Exactly the non-evidence I expected.
Whether AI can reliably detect issues and generate working code is a whole different thing from CEO’s delusions and hyperbole to game the market. Their financial success is also irrelevant, in fact it’s better if the sub/token model fails and we are left with locally ran models.
Traditional software was developed by humans as an artifact that, and to the degree that humans improved the software for some task, got better, but it was not guaranteed. Windows 11 is proof of that, and there are a laundry list of regressions and bugs introduced into software developed by humans. I acknowledge you say usually and especially for open source — I lukewarm agree with that statement but disagree that large LLMs or other generative models will follow this trend, and merely want to point out that software usually introduces bugs as it’s developed, which are hopefully fixed by people who can reason over the code.
Which brings us to AI models, and really they should just be called transformer models; they are statistical tensor product machines. They are not software in a traditional sense. They are trained to match their training input in a statistical sense. If the input data is corrupted, the model will actually get worse over time, not better. If the data is biased, it will get worse over time, not better. With the amount of slop generated on the web, it is extraordinarily hard to denoise and decide what’s good data and what’s bad data that shouldn’t be used for training. Which means the scaling we’ve seen with increased data will not necessarily hold. And there’s not a clear indication that scaling the model size, which is largely already impractical, is having some synergistic or emergent effect as hoped and hyped.

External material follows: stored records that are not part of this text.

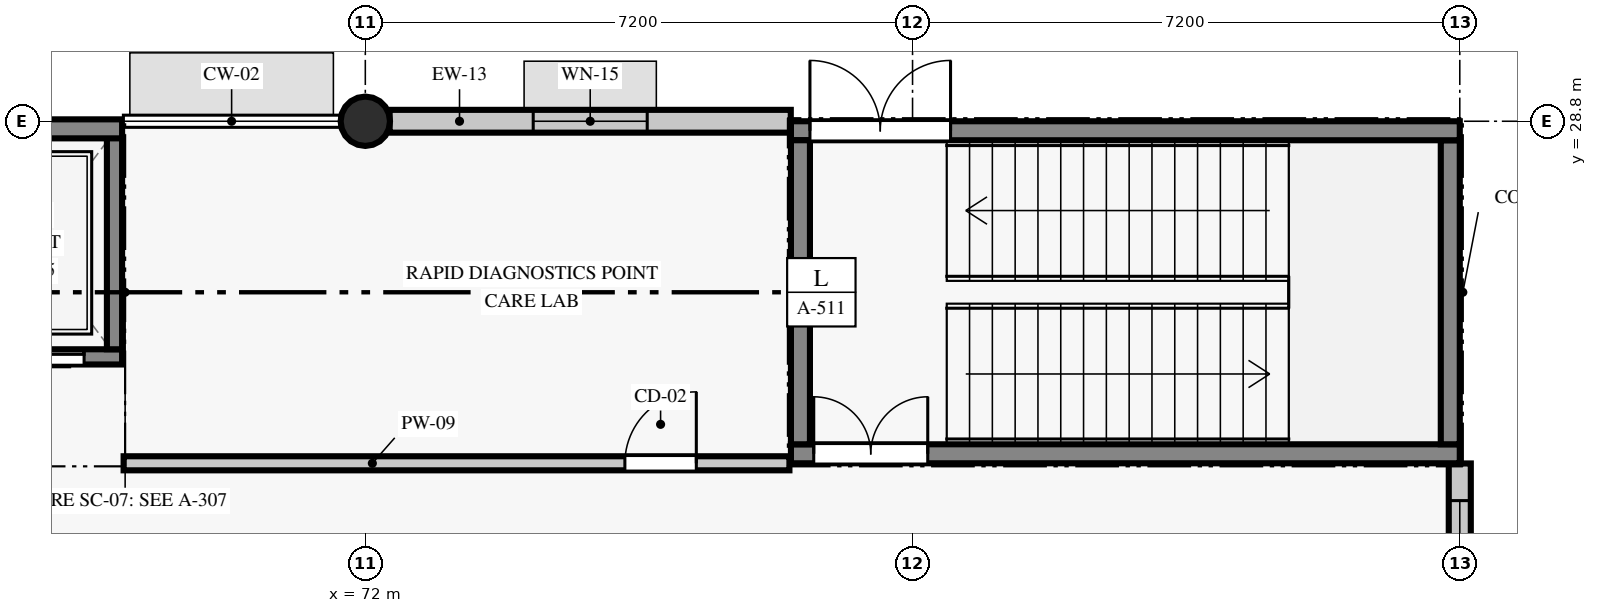
"""IFC4 building model, lengths in metres.
Left out: names, types, materials, properties, quantities, classifications, styles, units other than length and angle.
Written with IfcOpenShell. Run it as: python <this file> out.ifc"""

import sys

from ifc_helpers import new_model, si_unit, direction, frame, frame_2d, origin, origin_2d, place, context, subcontext, project, spatial, rectangle, circle, extrude, element, fill, save


model = new_model("IFC4")
c1 = context("Model", 3, precision=1e-05, world=origin(), true_north=direction((0.0, 1.0)))
c2 = subcontext(c1, "Body", "Model", "MODEL_VIEW")
j1 = project(units=[si_unit("LENGTHUNIT", "METRE"), si_unit("PLANEANGLEUNIT", "RADIAN")], contexts=[c1])
p1 = place(None, origin())
s1 = spatial("IfcSite", under=j1, at=p1, CompositionType="ELEMENT")
p2 = place(p1, origin())
s2 = spatial("IfcBuilding", under=s1, at=p2, CompositionType="ELEMENT")
p3 = place(p2, origin())
s3 = spatial("IfcBuildingStorey", under=s2, at=p3, CompositionType="ELEMENT", Elevation=0.0)
p4 = place(p3, frame((72.0, 28.8, 0.0), z_axis=(0.0, 0.0, 1.0), x_axis=(1.0, 0.0, 0.0)))
e1 = element("IfcColumn", 1, at=p4, inside=s3, PredefinedType="COLUMN", context=c2, shape_type="SweptSolid", body=[
    extrude(circle(Radius=0.325, at=origin_2d()), origin(), (0.0, 0.0, 1.0), 4.51),
])
p5 = place(p3, frame((86.4, 21.92, 0.0), z_axis=(0.0, 0.0, 1.0), x_axis=(0.0, 1.0, 0.0)))
e2 = element("IfcWall", 2, at=p5, inside=s3, PredefinedType="STANDARD", context=c2, shape_type="SweptSolid", body=[
    extrude(rectangle(XDim=2.378, YDim=0.29, at=frame_2d((1.189, 0.0))), origin(), (0.0, 0.0, 1.0), 4.51),
])
p6 = place(p5, frame((0.489, 0.0, 0.9)))
e3 = element("IfcOpeningElement", 3, at=p6, cuts=e2, PredefinedType="OPENING", context=c2, shape_type="SweptSolid", body=[
    extrude(rectangle(XDim=1.4, YDim=1.42, at=frame_2d((0.7, 0.71))), frame((0.0, 0.155, 0.0), z_axis=(0.0, -1.0, 0.0), x_axis=(1.0, 0.0, 0.0)), (0.0, 0.0, 1.0), 0.31),
])
p7 = place(p3, frame((77.598, 28.8, 0.0), z_axis=(0.0, 0.0, 1.0), x_axis=(-1.0, 0.0, 0.0)))
e4 = element("IfcWall", 4, at=p7, inside=s3, PredefinedType="STANDARD", context=c2, shape_type="SweptSolid", body=[
    extrude(rectangle(XDim=5.278, YDim=0.3, at=frame_2d((2.639, 0.0))), origin(), (0.0, 0.0, 1.0), 4.51),
])
p8 = place(p7, frame((1.889, 0.0, 0.9)))
e5 = element("IfcOpeningElement", 5, at=p8, cuts=e4, PredefinedType="OPENING", context=c2, shape_type="SweptSolid", body=[
    extrude(rectangle(XDim=1.5, YDim=1.42, at=frame_2d((0.75, 0.71))), frame((0.0, 0.16, 0.0), z_axis=(0.0, -1.0, 0.0), x_axis=(1.0, 0.0, 0.0)), (0.0, 0.0, 1.0), 0.32),
])
p9 = place(p3, frame((77.6, 24.425, 0.0), z_axis=(0.0, 0.0, 1.0), x_axis=(1.0, 0.0, 0.0)))
e6 = element("IfcWall", 6, at=p9, inside=s3, PredefinedType="SHEAR", context=c2, shape_type="SweptSolid", body=[
    extrude(rectangle(XDim=8.8, YDim=0.25, at=frame_2d((4.4, 0.0))), origin(), (0.0, 0.0, 1.0), 4.51),
])
p10 = place(p9, frame((0.3, 0.0, 0.0)))
e7 = element("IfcOpeningElement", 7, at=p10, cuts=e6, PredefinedType="OPENING", context=c2, shape_type="SweptSolid", body=[
    extrude(rectangle(XDim=1.5, YDim=2.15, at=frame_2d((0.75, 1.075))), frame((0.0, 0.135, 0.0), z_axis=(0.0, -1.0, 0.0), x_axis=(1.0, 0.0, 0.0)), (0.0, 0.0, 1.0), 0.27),
])
p11 = place(p3, frame((86.275, 24.55, 0.0), z_axis=(0.0, 0.0, 1.0), x_axis=(0.0, 1.0, 0.0)))
e8 = element("IfcWall", 8, at=p11, inside=s3, PredefinedType="SHEAR", context=c2, shape_type="SweptSolid", body=[
    extrude(rectangle(XDim=4.0, YDim=0.25, at=frame_2d((2.0, 0.0))), origin(), (0.0, 0.0, 1.0), 4.51),
])
p12 = place(p3, frame((86.4, 28.675, 0.0), z_axis=(0.0, 0.0, 1.0), x_axis=(-1.0, 0.0, 0.0)))
e9 = element("IfcWall", 9, at=p12, inside=s3, PredefinedType="SHEAR", context=c2, shape_type="SweptSolid", body=[
    extrude(rectangle(XDim=8.8, YDim=0.25, at=frame_2d((4.4, 0.0))), origin(), (0.0, 0.0, 1.0), 4.51),
])
p13 = place(p12, frame((6.7, 0.0, 0.0)))
e10 = element("IfcOpeningElement", 10, at=p13, cuts=e9, PredefinedType="OPENING", context=c2, shape_type="SweptSolid", body=[
    extrude(rectangle(XDim=1.85, YDim=2.2, at=frame_2d((0.925, 1.1))), frame((0.0, 0.135, 0.0), z_axis=(0.0, -1.0, 0.0), x_axis=(1.0, 0.0, 0.0)), (0.0, 0.0, 1.0), 0.27),
])
p14 = place(p3, frame((77.725, 28.55, 0.0), z_axis=(0.0, 0.0, 1.0), x_axis=(0.0, -1.0, 0.0)))
e11 = element("IfcWall", 11, at=p14, inside=s3, PredefinedType="SHEAR", context=c2, shape_type="SweptSolid", body=[
    extrude(rectangle(XDim=4.0, YDim=0.25, at=frame_2d((2.0, 0.0))), origin(), (0.0, 0.0, 1.0), 4.51),
])
p15 = place(p3, frame((66.4, 25.7, 0.0), z_axis=(0.0, 0.0, 1.0), x_axis=(1.0, 0.0, 0.0)))
e12 = element("IfcWall", 12, at=p15, inside=s3, PredefinedType="SHEAR", context=c2, shape_type="SweptSolid", body=[
    extrude(rectangle(XDim=2.4, YDim=0.2, at=frame_2d((1.2, 0.0))), origin(), (0.0, 0.0, 1.0), 4.51),
])
p16 = place(p15, frame((0.5, 0.0, 0.0)))
e13 = element("IfcOpeningElement", 13, at=p16, cuts=e12, PredefinedType="OPENING", context=c2, shape_type="SweptSolid", body=[
    extrude(rectangle(XDim=1.4, YDim=2.15, at=frame_2d((0.7, 1.075))), frame((0.0, 0.11, 0.0), z_axis=(0.0, -1.0, 0.0), x_axis=(1.0, 0.0, 0.0)), (0.0, 0.0, 1.0), 0.22),
])
p17 = place(p3, frame((68.7, 25.8, 0.0), z_axis=(0.0, 0.0, 1.0), x_axis=(0.0, 1.0, 0.0)))
e14 = element("IfcWall", 14, at=p17, inside=s3, PredefinedType="SHEAR", context=c2, shape_type="SweptSolid", body=[
    extrude(rectangle(XDim=2.8, YDim=0.2, at=frame_2d((1.4, 0.0))), origin(), (0.0, 0.0, 1.0), 4.51),
])
p18 = place(p3, frame((68.8, 28.7, 0.0), z_axis=(0.0, 0.0, 1.0), x_axis=(-1.0, 0.0, 0.0)))
e15 = element("IfcWall", 15, at=p18, inside=s3, PredefinedType="SHEAR", context=c2, shape_type="SweptSolid", body=[
    extrude(rectangle(XDim=2.4, YDim=0.25, at=frame_2d((1.2, 0.0))), origin(), (0.0, 0.0, 1.0), 4.51),
])
p19 = place(p3, frame((68.82, 24.3, 0.0), z_axis=(0.0, 0.0, 1.0), x_axis=(1.0, 0.0, 0.0)))
e16 = element("IfcWall", 16, at=p19, inside=s3, PredefinedType="PARTITIONING", context=c2, shape_type="SweptSolid", body=[
    extrude(rectangle(XDim=8.76, YDim=0.185, at=frame_2d((4.38, 0.0))), origin(), (0.0, 0.0, 1.0), 3.91),
])
p20 = place(p19, frame((6.595, 0.0, 0.0)))
e17 = element("IfcOpeningElement", 17, at=p20, cuts=e16, PredefinedType="OPENING", context=c2, shape_type="SweptSolid", body=[
    extrude(rectangle(XDim=0.94, YDim=2.08, at=frame_2d((0.47, 1.04))), frame((0.0, 0.103, 0.0), z_axis=(0.0, -1.0, 0.0), x_axis=(1.0, 0.0, 0.0)), (0.0, 0.0, 1.0), 0.205),
])
p21 = place(p6, origin())
e18 = element("IfcWindow", 18, at=p21, inside=s3, PartitioningType="SINGLE_PANEL", PredefinedType="WINDOW", context=c2, shape_type="SweptSolid", body=[
    extrude(rectangle(XDim=1.4, YDim=1.42, at=frame_2d((0.7, 0.71))), frame((0.0, 0.03, 0.0), z_axis=(0.0, -1.0, 0.0), x_axis=(1.0, 0.0, 0.0)), (0.0, 0.0, 1.0), 0.06),
])
fill(e3, e18)
p22 = place(p8, origin())
e19 = element("IfcWindow", 19, at=p22, inside=s3, PartitioningType="SINGLE_PANEL", PredefinedType="WINDOW", context=c2, shape_type="SweptSolid", body=[
    extrude(rectangle(XDim=1.5, YDim=1.42, at=frame_2d((0.75, 0.71))), frame((0.0, 0.03, 0.0), z_axis=(0.0, -1.0, 0.0), x_axis=(1.0, 0.0, 0.0)), (0.0, 0.0, 1.0), 0.06),
])
fill(e5, e19)
p23 = place(p10, origin())
e20 = element("IfcDoor", 20, at=p23, inside=s3, OperationType="DOUBLE_DOOR_SINGLE_SWING", PredefinedType="DOOR", context=c2, shape_type="SweptSolid", body=[
    extrude(rectangle(XDim=1.5, YDim=2.15, at=frame_2d((0.75, 1.075))), frame((0.0, 0.025, 0.0), z_axis=(0.0, -1.0, 0.0), x_axis=(1.0, 0.0, 0.0)), (0.0, 0.0, 1.0), 0.05),
])
fill(e7, e20)
p24 = place(p13, frame((1.85, 0.0, 0.0), z_axis=(0.0, 0.0, 1.0), x_axis=(-1.0, 0.0, 0.0)))
e21 = element("IfcDoor", 21, at=p24, inside=s3, OperationType="DOUBLE_DOOR_SINGLE_SWING", PredefinedType="DOOR", context=c2, shape_type="SweptSolid", body=[
    extrude(rectangle(XDim=1.85, YDim=2.2, at=frame_2d((0.925, 1.1))), frame((0.0, 0.025, 0.0), z_axis=(0.0, -1.0, 0.0), x_axis=(1.0, 0.0, 0.0)), (0.0, 0.0, 1.0), 0.05),
])
fill(e10, e21)
p25 = place(p16, frame((1.4, 0.0, 0.0), z_axis=(0.0, 0.0, 1.0), x_axis=(-1.0, 0.0, 0.0)))
e22 = element("IfcDoor", 22, at=p25, inside=s3, OperationType="DOUBLE_DOOR_SLIDING", PredefinedType="DOOR", context=c2, shape_type="SweptSolid", body=[
    extrude(rectangle(XDim=1.4, YDim=2.15, at=frame_2d((0.7, 1.075))), frame((0.0, 0.025, 0.0), z_axis=(0.0, -1.0, 0.0), x_axis=(1.0, 0.0, 0.0)), (0.0, 0.0, 1.0), 0.05),
])
fill(e13, e22)
p26 = place(p20, origin())
e23 = element("IfcDoor", 23, at=p26, inside=s3, OperationType="SINGLE_SWING_RIGHT", PredefinedType="DOOR", context=c2, shape_type="SweptSolid", body=[
    extrude(rectangle(XDim=0.94, YDim=2.08, at=frame_2d((0.47, 1.04))), frame((0.0, 0.025, 0.0), z_axis=(0.0, -1.0, 0.0), x_axis=(1.0, 0.0, 0.0)), (0.0, 0.0, 1.0), 0.05),
])
fill(e17, e23)
save(model, sys.argv[1])

Also, we’re really not in the infancy of AI. Maybe the infancy of widespread hype for it, but the idea of using tensor products for statistical learning algorithms goes back at least as far as Smolensky, maybe before, and that was what, 1990?
We are in the infancy of I’d say quantum style compute, so we really don’t have much to draw on beyond theoretical models.
Generative LLM models have largely plateaued in my opinion.
We’re in the infancy of AI in the sense that widespread use, testing and properly-funded development of these technologies only began a few years ago when massively parallelized processing became affordable enough, even though the concepts are older. You could say we’re in the infancy of practical AI, not theoretical.